2. Trigger a pipeline run:
- CLI: `stella db jobs run source:kev:fetch --and-then source:kev:parse --and-then source:kev:map`
- REST: `POST /jobs/run { "kind": "source:kev:fetch", "chain": ["source:kev:parse", "source:kev:map"] }`
3. Verify the metrics exposed by meter `StellaOps.Feedser.Source.Kev`:
- `kev.fetch.attempts`, `kev.fetch.success`, `kev.fetch.unchanged`, `kev.fetch.failures`
- `kev.parse.entries` (tag `catalogVersion`), `kev.parse.failures`, `kev.parse.anomalies` (tag `reason`)

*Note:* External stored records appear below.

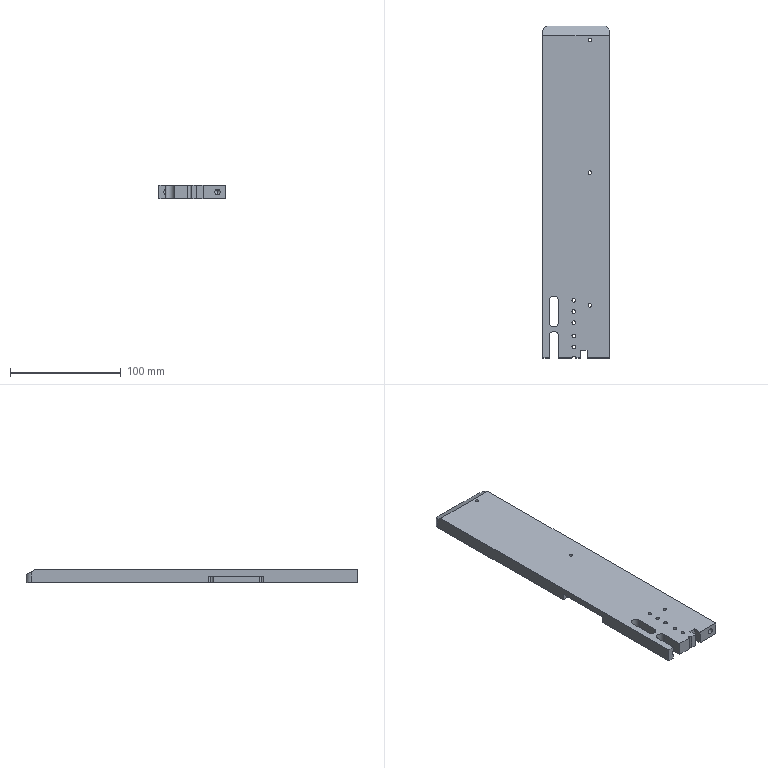Component | SolidWorks | 03-1111-2 | 1 solid | 53 faces | box 60 x 300 x 12 mm | volume 202042 mm3 | cylinder 29 | plane 21 | cone 3 | commonest cylinder face diameters 3.3 x17 4 x4 5 x3 8 x3 10 x2
build123d program:
from build123d import *

# Parameters (mm, degrees)
SKETCH1_W             = 60
SKETCH1_H             = 12
BOSS_EXTRUDE1_DEPTH   = 300
SKETCH2_W             = 20
SKETCH2_H             = 50
CUT_EXTRUDE1_DEPTH    = 6
CUT_EXTRUDE2_DEPTH    = 302.735
CHAMFER1_SIZE         = 5
CHAMFER1_SIZE2        = 8.66
FILLET1_R             = 5
SKETCH6_R             = 2
CUT_EXTRUDE3_DEPTH    = 6
M6_TAPPED_HOLE1_D     = 5
M6_TAPPED_HOLE1_DEPTH = 15
M6_TAPPED_HOLE1_TIP   = 1.502
SKETCH10_W            = 6
SKETCH10_H            = 14
CUT_EXTRUDE4_DEPTH    = 302.735
M4_TAPPED_HOLE1_D     = 3.3
LPATTERN1_COUNT       = 2
LPATTERN1_PITCH       = 32
M4_TAPPED_HOLE2_D     = 3.3


with BuildPart() as part:
    # Sketch1 → Boss-Extrude1 (new body)
    with BuildSketch(Plane(origin=(0, 0, 0), x_dir=(1, 0, 0), z_dir=(0, 1, 0))):
        Rectangle(SKETCH1_W, SKETCH1_H)
    extrude(amount=BOSS_EXTRUDE1_DEPTH)

    # Sketch2 → Cut-Extrude1 (cut)
    with BuildSketch(Plane.XY.offset(6)):
        with Locations((-20, 190)):
            Rectangle(SKETCH2_W, SKETCH2_H)
    extrude(amount=-CUT_EXTRUDE1_DEPTH, mode=Mode.SUBTRACT)

    # Sketch3 → Cut-Extrude2 (cut, through all)
    with BuildSketch(Plane.XY.offset(6)):
        with BuildLine():
            Line((-24, 280), (-24, 300))
            ThreePointArc((-24, 300), (-20, 304), (-16, 300))
            Line((-16, 300), (-16, 280))
            ThreePointArc((-16, 280), (-20, 276), (-24, 280))
        make_face()
    cut_extrude2 = extrude(amount=-CUT_EXTRUDE2_DEPTH, mode=Mode.SUBTRACT)

    # Chamfer1
    chamfer1_edges = [part.edges().sort_by_distance(p)[0] for p in [
        (0, 0, -6),
    ]]
    chamfer1_side = [part.faces().sort_by_distance(p)[0] for p in [
        (0, 0, 0),
    ]]
    chamfer(chamfer1_edges, length=CHAMFER1_SIZE, length2=CHAMFER1_SIZE2, reference=chamfer1_side[0])

    # Fillet1
    fillet1_edges = [part.edges().sort_by_distance(p)[0] for p in [
        (-30, 0, 2.5),
        (30, 0, 2.5),
    ]]
    fillet(fillet1_edges, radius=FILLET1_R)

    # Sketch6 → Cut-Extrude3 (cut)
    with BuildSketch(Plane.XY.offset(6)):
        with Locations((-10, 167)):
            Circle(SKETCH6_R)
        with Locations((-10, 213)):
            Circle(SKETCH6_R)
    extrude(amount=-CUT_EXTRUDE3_DEPTH, mode=Mode.SUBTRACT)

    # M6 Tapped Hole1
    with Locations(Plane(origin=(0, 300, 0), x_dir=(1, 0, 0), z_dir=(0, 1, 0))):
        with Locations((-23, 0), (23, 0)):
            Hole(M6_TAPPED_HOLE1_D / 2, depth=M6_TAPPED_HOLE1_DEPTH)
            with Locations((0, 0, -(M6_TAPPED_HOLE1_DEPTH + M6_TAPPED_HOLE1_TIP / 2))):  # 118° drill point
                Cone(0, M6_TAPPED_HOLE1_D / 2, M6_TAPPED_HOLE1_TIP, mode=Mode.SUBTRACT)

    # Sketch10 → Cut-Extrude4 (cut, through all)
    with BuildSketch(Plane(origin=(0, 0, -6), x_dir=(-1, 0, 0), z_dir=(0, 0, -1))):
        with Locations((-7, 300)):
            Rectangle(SKETCH10_W, SKETCH10_H)
    extrude(amount=-CUT_EXTRUDE4_DEPTH, mode=Mode.SUBTRACT)

    # M4 Tapped Hole1 (through all)
    with Locations(Plane.XY.offset(6)):
        with Locations((-2, 280), (-2, 300), (-2, 290)):
            m4_tapped_hole1 = Hole(M4_TAPPED_HOLE1_D / 2)

    # LPattern1: Cut-Extrude2, M4 Tapped Hole1 ×2
    with Locations(*[(0, -i * LPATTERN1_PITCH, 0) for i in range(1, LPATTERN1_COUNT)]):
        add(cut_extrude2, mode=Mode.SUBTRACT)
        add(m4_tapped_hole1, mode=Mode.SUBTRACT)

    # M4 Tapped Hole2 (through all)
    with Locations(Plane(origin=(0, 0, -6), x_dir=(-1, 0, 0), z_dir=(0, 0, -1))):
        with Locations((-12.5, 252.5), (-12.5, 132.5), (-12.5, 12.5)):
            Hole(M4_TAPPED_HOLE2_D / 2)


solid = part.part

# Placed as in the assembly
solid = solid.moved(Location((141.928, 706.224, 1276.056), (180, 0, 0)))
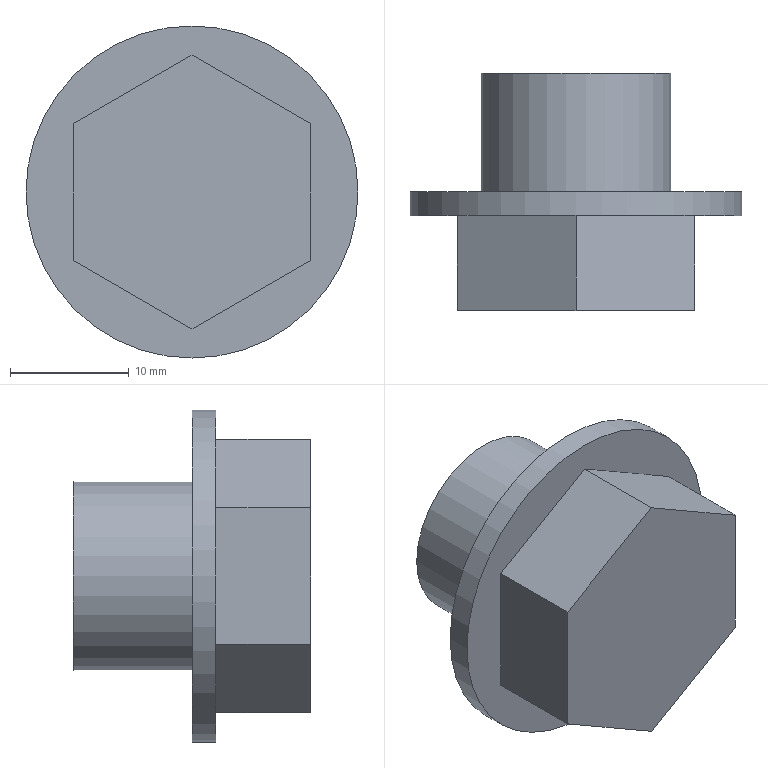Component | NX | LUOSAI | 1 solid | 12 faces | box 28 x 20 x 28 mm | volume 6013 mm3 | plane 10 | cylinder 2 | commonest cylinder face diameters 16 x1 28 x1
STEP:
#1=CARTESIAN_POINT('',(0.,0.,0.));
#2=DIRECTION('',(0.,0.,1.));
#3=DIRECTION('',(1.,0.,0.));
#4=AXIS2_PLACEMENT_3D('',#1,#2,#3);
#5=CARTESIAN_POINT('',(8.,-65.5,-196.));
#6=VERTEX_POINT('',#5);
#7=CARTESIAN_POINT('',(0.,-65.5,-196.));
#8=DIRECTION('',(0.,-1.,0.));
#9=DIRECTION('',(1.,0.,0.));
#10=AXIS2_PLACEMENT_3D('',#7,#8,#9);
#11=CIRCLE('',#10,8.);
#12=CARTESIAN_POINT('',(0.,-65.5,-196.));
#13=DIRECTION('',(0.,1.,0.));
#14=DIRECTION('',(0.,0.,1.));
#15=AXIS2_PLACEMENT_3D('',#12,#13,#14);
#16=CYLINDRICAL_SURFACE('',#15,8.);
#17=CARTESIAN_POINT('',(7.854,0.));
#18=DIRECTION('',(-1.,0.));
#19=VECTOR('',#18,1.);
#20=LINE('',#17,#19);
#21=(GEOMETRIC_REPRESENTATION_CONTEXT(2)PARAMETRIC_REPRESENTATION_CONTEXT()REPRESENTATION_CONTEXT('',''));
#22=DEFINITIONAL_REPRESENTATION('',(#20),#21);
#23=PCURVE('',#16,#22);
#24=CARTESIAN_POINT('',(0.,-65.5,-196.));
#25=DIRECTION('',(0.,-1.,0.));
#26=DIRECTION('',(0.,0.,-1.));
#27=AXIS2_PLACEMENT_3D('',#24,#25,#26);
#28=PLANE('',#27);
#29=CARTESIAN_POINT('',(0.,0.));
#30=DIRECTION('',(0.,1.));
#31=AXIS2_PLACEMENT_2D('',#29,#30);
#32=CIRCLE('',#31,8.);
#33=(GEOMETRIC_REPRESENTATION_CONTEXT(2)PARAMETRIC_REPRESENTATION_CONTEXT()REPRESENTATION_CONTEXT('',''));
#34=DEFINITIONAL_REPRESENTATION('',(#32),#33);
#35=PCURVE('',#28,#34);
#36=SURFACE_CURVE('',#11,(#23,#35),.PCURVE_S1.);
#37=EDGE_CURVE('',#6,#6,#36,.T.);
#38=ORIENTED_EDGE('',*,*,#37,.F.);
#39=CARTESIAN_POINT('',(8.,-55.5,-196.));
#40=VERTEX_POINT('',#39);
#41=CARTESIAN_POINT('',(8.,-65.5,-196.));
#42=CARTESIAN_POINT('',(8.,-55.5,-196.));
#43=B_SPLINE_CURVE_WITH_KNOTS('',1,(#41,#42),.UNSPECIFIED.,.F.,.F.,(2,2),(0.,10.),.PIECEWISE_BEZIER_KNOTS.);
#44=CARTESIAN_POINT('',(7.854,0.));
#45=DIRECTION('',(0.,1.));
#46=VECTOR('',#45,1.);
#47=LINE('',#44,#46);
#48=(GEOMETRIC_REPRESENTATION_CONTEXT(2)PARAMETRIC_REPRESENTATION_CONTEXT()REPRESENTATION_CONTEXT('',''));
#49=DEFINITIONAL_REPRESENTATION('',(#47),#48);
#50=PCURVE('',#16,#49);
#51=CARTESIAN_POINT('',(1.571,0.));
#52=DIRECTION('',(0.,1.));
#53=VECTOR('',#52,1.);
#54=LINE('',#51,#53);
#55=(GEOMETRIC_REPRESENTATION_CONTEXT(2)PARAMETRIC_REPRESENTATION_CONTEXT()REPRESENTATION_CONTEXT('',''));
#56=DEFINITIONAL_REPRESENTATION('',(#54),#55);
#57=PCURVE('',#16,#56);
#58=SEAM_CURVE('',#43,(#50,#57),.PCURVE_S1.);
#59=EDGE_CURVE('',#6,#40,#58,.T.);
#60=ORIENTED_EDGE('',*,*,#59,.T.);
#61=CARTESIAN_POINT('',(0.,-55.5,-196.));
#62=DIRECTION('',(0.,-1.,0.));
#63=DIRECTION('',(1.,0.,0.));
#64=AXIS2_PLACEMENT_3D('',#61,#62,#63);
#65=CIRCLE('',#64,8.);
#66=CARTESIAN_POINT('',(7.854,10.));
#67=DIRECTION('',(-1.,0.));
#68=VECTOR('',#67,1.);
#69=LINE('',#66,#68);
#70=(GEOMETRIC_REPRESENTATION_CONTEXT(2)PARAMETRIC_REPRESENTATION_CONTEXT()REPRESENTATION_CONTEXT('',''));
#71=DEFINITIONAL_REPRESENTATION('',(#69),#70);
#72=PCURVE('',#16,#71);
#73=CARTESIAN_POINT('',(0.,-55.5,-196.));
#74=DIRECTION('',(0.,-1.,0.));
#75=DIRECTION('',(0.,0.,-1.));
#76=AXIS2_PLACEMENT_3D('',#73,#74,#75);
#77=PLANE('',#76);
#78=CARTESIAN_POINT('',(0.,0.));
#79=DIRECTION('',(0.,1.));
#80=AXIS2_PLACEMENT_2D('',#78,#79);
#81=CIRCLE('',#80,8.);
#82=(GEOMETRIC_REPRESENTATION_CONTEXT(2)PARAMETRIC_REPRESENTATION_CONTEXT()REPRESENTATION_CONTEXT('',''));
#83=DEFINITIONAL_REPRESENTATION('',(#81),#82);
#84=PCURVE('',#77,#83);
#85=SURFACE_CURVE('',#65,(#72,#84),.PCURVE_S1.);
#86=EDGE_CURVE('',#40,#40,#85,.T.);
#87=ORIENTED_EDGE('',*,*,#86,.T.);
#88=ORIENTED_EDGE('',*,*,#59,.F.);
#89=EDGE_LOOP('',(#38,#60,#87,#88));
#90=FACE_BOUND('',#89,.T.);
#91=ADVANCED_FACE('',(#90),#16,.T.);
#92=ORIENTED_EDGE('',*,*,#86,.F.);
#93=EDGE_LOOP('',(#92));
#94=FACE_BOUND('',#93,.T.);
#95=ADVANCED_FACE('',(#94),#77,.F.);
#96=CARTESIAN_POINT('',(14.,-65.5,-196.));
#97=VERTEX_POINT('',#96);
#98=CARTESIAN_POINT('',(0.,-65.5,-196.));
#99=DIRECTION('',(0.,-1.,0.));
#100=DIRECTION('',(1.,0.,0.));
#101=AXIS2_PLACEMENT_3D('',#98,#99,#100);
#102=CIRCLE('',#101,14.);
#103=CARTESIAN_POINT('',(0.,0.));
#104=DIRECTION('',(0.,1.));
#105=AXIS2_PLACEMENT_2D('',#103,#104);
#106=CIRCLE('',#105,14.);
#107=(GEOMETRIC_REPRESENTATION_CONTEXT(2)PARAMETRIC_REPRESENTATION_CONTEXT()REPRESENTATION_CONTEXT('',''));
#108=DEFINITIONAL_REPRESENTATION('',(#106),#107);
#109=PCURVE('',#28,#108);
#110=CARTESIAN_POINT('',(0.,-67.5,-196.));
#111=DIRECTION('',(0.,1.,0.));
#112=DIRECTION('',(0.,0.,1.));
#113=AXIS2_PLACEMENT_3D('',#110,#111,#112);
#114=CYLINDRICAL_SURFACE('',#113,14.);
#115=CARTESIAN_POINT('',(7.854,2.));
#116=DIRECTION('',(-1.,0.));
#117=VECTOR('',#116,1.);
#118=LINE('',#115,#117);
#119=(GEOMETRIC_REPRESENTATION_CONTEXT(2)PARAMETRIC_REPRESENTATION_CONTEXT()REPRESENTATION_CONTEXT('',''));
#120=DEFINITIONAL_REPRESENTATION('',(#118),#119);
#121=PCURVE('',#114,#120);
#122=SURFACE_CURVE('',#102,(#109,#121),.PCURVE_S1.);
#123=EDGE_CURVE('',#97,#97,#122,.T.);
#124=ORIENTED_EDGE('',*,*,#123,.F.);
#125=EDGE_LOOP('',(#124));
#126=FACE_BOUND('',#125,.T.);
#127=ORIENTED_EDGE('',*,*,#37,.T.);
#128=EDGE_LOOP('',(#127));
#129=FACE_BOUND('',#128,.T.);
#130=ADVANCED_FACE('',(#126,#129),#28,.F.);
#131=CARTESIAN_POINT('',(14.,-67.5,-196.));
#132=VERTEX_POINT('',#131);
#133=CARTESIAN_POINT('',(0.,-67.5,-196.));
#134=DIRECTION('',(0.,-1.,0.));
#135=DIRECTION('',(1.,0.,0.));
#136=AXIS2_PLACEMENT_3D('',#133,#134,#135);
#137=CIRCLE('',#136,14.);
#138=CARTESIAN_POINT('',(7.854,0.));
#139=DIRECTION('',(-1.,0.));
#140=VECTOR('',#139,1.);
#141=LINE('',#138,#140);
#142=(GEOMETRIC_REPRESENTATION_CONTEXT(2)PARAMETRIC_REPRESENTATION_CONTEXT()REPRESENTATION_CONTEXT('',''));
#143=DEFINITIONAL_REPRESENTATION('',(#141),#142);
#144=PCURVE('',#114,#143);
#145=CARTESIAN_POINT('',(0.,-67.5,-196.));
#146=DIRECTION('',(0.,-1.,0.));
#147=DIRECTION('',(0.,0.,-1.));
#148=AXIS2_PLACEMENT_3D('',#145,#146,#147);
#149=PLANE('',#148);
#150=CARTESIAN_POINT('',(0.,0.));
#151=DIRECTION('',(0.,1.));
#152=AXIS2_PLACEMENT_2D('',#150,#151);
#153=CIRCLE('',#152,14.);
#154=(GEOMETRIC_REPRESENTATION_CONTEXT(2)PARAMETRIC_REPRESENTATION_CONTEXT()REPRESENTATION_CONTEXT('',''));
#155=DEFINITIONAL_REPRESENTATION('',(#153),#154);
#156=PCURVE('',#149,#155);
#157=SURFACE_CURVE('',#137,(#144,#156),.PCURVE_S1.);
#158=EDGE_CURVE('',#132,#132,#157,.T.);
#159=ORIENTED_EDGE('',*,*,#158,.F.);
#160=CARTESIAN_POINT('',(14.,-67.5,-196.));
#161=CARTESIAN_POINT('',(14.,-65.5,-196.));
#162=B_SPLINE_CURVE_WITH_KNOTS('',1,(#160,#161),.UNSPECIFIED.,.F.,.F.,(2,2),(0.,2.),.PIECEWISE_BEZIER_KNOTS.);
#163=CARTESIAN_POINT('',(7.854,0.));
#164=DIRECTION('',(0.,1.));
#165=VECTOR('',#164,1.);
#166=LINE('',#163,#165);
#167=(GEOMETRIC_REPRESENTATION_CONTEXT(2)PARAMETRIC_REPRESENTATION_CONTEXT()REPRESENTATION_CONTEXT('',''));
#168=DEFINITIONAL_REPRESENTATION('',(#166),#167);
#169=PCURVE('',#114,#168);
#170=CARTESIAN_POINT('',(1.571,0.));
#171=DIRECTION('',(0.,1.));
#172=VECTOR('',#171,1.);
#173=LINE('',#170,#172);
#174=(GEOMETRIC_REPRESENTATION_CONTEXT(2)PARAMETRIC_REPRESENTATION_CONTEXT()REPRESENTATION_CONTEXT('',''));
#175=DEFINITIONAL_REPRESENTATION('',(#173),#174);
#176=PCURVE('',#114,#175);
#177=SEAM_CURVE('',#162,(#169,#176),.PCURVE_S1.);
#178=EDGE_CURVE('',#132,#97,#177,.T.);
#179=ORIENTED_EDGE('',*,*,#178,.T.);
#180=ORIENTED_EDGE('',*,*,#123,.T.);
#181=ORIENTED_EDGE('',*,*,#178,.F.);
#182=EDGE_LOOP('',(#159,#179,#180,#181));
#183=FACE_BOUND('',#182,.T.);
#184=ADVANCED_FACE('',(#183),#114,.T.);
#185=CARTESIAN_POINT('',(-10.,-67.5,-190.226));
#186=VERTEX_POINT('',#185);
#187=CARTESIAN_POINT('',(-10.,-67.5,-201.774));
#188=VERTEX_POINT('',#187);
#189=CARTESIAN_POINT('',(-10.,-67.5,-190.226));
#190=DIRECTION('',(0.,0.,-1.));
#191=VECTOR('',#190,1.);
#192=LINE('',#189,#191);
#193=CARTESIAN_POINT('',(-5.774,-10.));
#194=DIRECTION('',(1.,0.));
#195=VECTOR('',#194,1.);
#196=LINE('',#193,#195);
#197=(GEOMETRIC_REPRESENTATION_CONTEXT(2)PARAMETRIC_REPRESENTATION_CONTEXT()REPRESENTATION_CONTEXT('',''));
#198=DEFINITIONAL_REPRESENTATION('',(#196),#197);
#199=PCURVE('',#149,#198);
#200=CARTESIAN_POINT('',(-10.,-75.5,-190.226));
#201=DIRECTION('',(1.,0.,0.));
#202=DIRECTION('',(0.,0.,1.));
#203=AXIS2_PLACEMENT_3D('',#200,#201,#202);
#204=PLANE('',#203);
#205=CARTESIAN_POINT('',(0.,-8.));
#206=DIRECTION('',(-1.,0.));
#207=VECTOR('',#206,1.);
#208=LINE('',#205,#207);
#209=(GEOMETRIC_REPRESENTATION_CONTEXT(2)PARAMETRIC_REPRESENTATION_CONTEXT()REPRESENTATION_CONTEXT('',''));
#210=DEFINITIONAL_REPRESENTATION('',(#208),#209);
#211=PCURVE('',#204,#210);
#212=SURFACE_CURVE('',#192,(#199,#211),.PCURVE_S1.);
#213=EDGE_CURVE('',#186,#188,#212,.T.);
#214=ORIENTED_EDGE('',*,*,#213,.F.);
#215=CARTESIAN_POINT('',(0.,-67.5,-184.453));
#216=VERTEX_POINT('',#215);
#217=CARTESIAN_POINT('',(0.,-67.5,-184.453));
#218=DIRECTION('',(-0.866,0.,-0.5));
#219=VECTOR('',#218,1.);
#220=LINE('',#217,#219);
#221=CARTESIAN_POINT('',(-11.547,0.));
#222=DIRECTION('',(0.5,-0.866));
#223=VECTOR('',#222,1.);
#224=LINE('',#221,#223);
#225=(GEOMETRIC_REPRESENTATION_CONTEXT(2)PARAMETRIC_REPRESENTATION_CONTEXT()REPRESENTATION_CONTEXT('',''));
#226=DEFINITIONAL_REPRESENTATION('',(#224),#225);
#227=PCURVE('',#149,#226);
#228=CARTESIAN_POINT('',(0.,-75.5,-184.453));
#229=DIRECTION('',(0.5,0.,-0.866));
#230=DIRECTION('',(0.866,0.,0.5));
#231=AXIS2_PLACEMENT_3D('',#228,#229,#230);
#232=PLANE('',#231);
#233=CARTESIAN_POINT('',(0.,-8.));
#234=DIRECTION('',(-1.,0.));
#235=VECTOR('',#234,1.);
#236=LINE('',#233,#235);
#237=(GEOMETRIC_REPRESENTATION_CONTEXT(2)PARAMETRIC_REPRESENTATION_CONTEXT()REPRESENTATION_CONTEXT('',''));
#238=DEFINITIONAL_REPRESENTATION('',(#236),#237);
#239=PCURVE('',#232,#238);
#240=SURFACE_CURVE('',#220,(#227,#239),.PCURVE_S1.);
#241=EDGE_CURVE('',#216,#186,#240,.T.);
#242=ORIENTED_EDGE('',*,*,#241,.F.);
#243=CARTESIAN_POINT('',(10.,-67.5,-190.226));
#244=VERTEX_POINT('',#243);
#245=CARTESIAN_POINT('',(10.,-67.5,-190.226));
#246=DIRECTION('',(-0.866,0.,0.5));
#247=VECTOR('',#246,1.);
#248=LINE('',#245,#247);
#249=CARTESIAN_POINT('',(-5.774,10.));
#250=DIRECTION('',(-0.5,-0.866));
#251=VECTOR('',#250,1.);
#252=LINE('',#249,#251);
#253=(GEOMETRIC_REPRESENTATION_CONTEXT(2)PARAMETRIC_REPRESENTATION_CONTEXT()REPRESENTATION_CONTEXT('',''));
#254=DEFINITIONAL_REPRESENTATION('',(#252),#253);
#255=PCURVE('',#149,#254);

- `kev.map.advisories` (tag `catalogVersion`)
4. Confirm MongoDB documents exist for the catalog JSON (`raw_documents` & `dtos`) and that advisories with prefix `kev/` are written.
### 2.4 Production Monitoring
- Alert when `kev.fetch.success` goes to zero for longer than the expected daily cadence (default: trigger if `rate(kev.fetch.success[8h]) == 0` during business hours).
- Track anomaly spikes via `kev.parse.anomalies{reason="missingCveId"}`. A sustained non-zero rate means the upstream catalog contains unexpected records.
- The connector logs each validated catalog: `Parsed KEV catalog document … entries=X`. Absence of that log alongside consecutive `kev.fetch.success` counts suggests schema validation failures—correlate with warning-level events in the `StellaOps.Feedser.Source.Kev` logger.
### 2.5 Known good dashboard tiles
Add the following panels to the Feedser observability board:
| Metric | Recommended visualisation |
|--------|---------------------------|
| `kev.fetch.success` | Single-stat (last 24h) with threshold alert |
| `rate(kev.parse.entries[1h])` by `catalogVersion` | Stacked area highlights daily release size |
| `sum_over_time(kev.parse.anomalies[1d])` by `reason` | Table anomaly breakdown |
## 3. Runbook updates
- Record staging/production smoke test results (date, catalog version, advisory counts) in your teams change log.
- Add the CVE/KEV job kinds to the standard maintenance checklist so operators can manually trigger them after planned downtime.
- Keep this document in sync with future connector changes (for example, new anomaly reasons or additional metrics).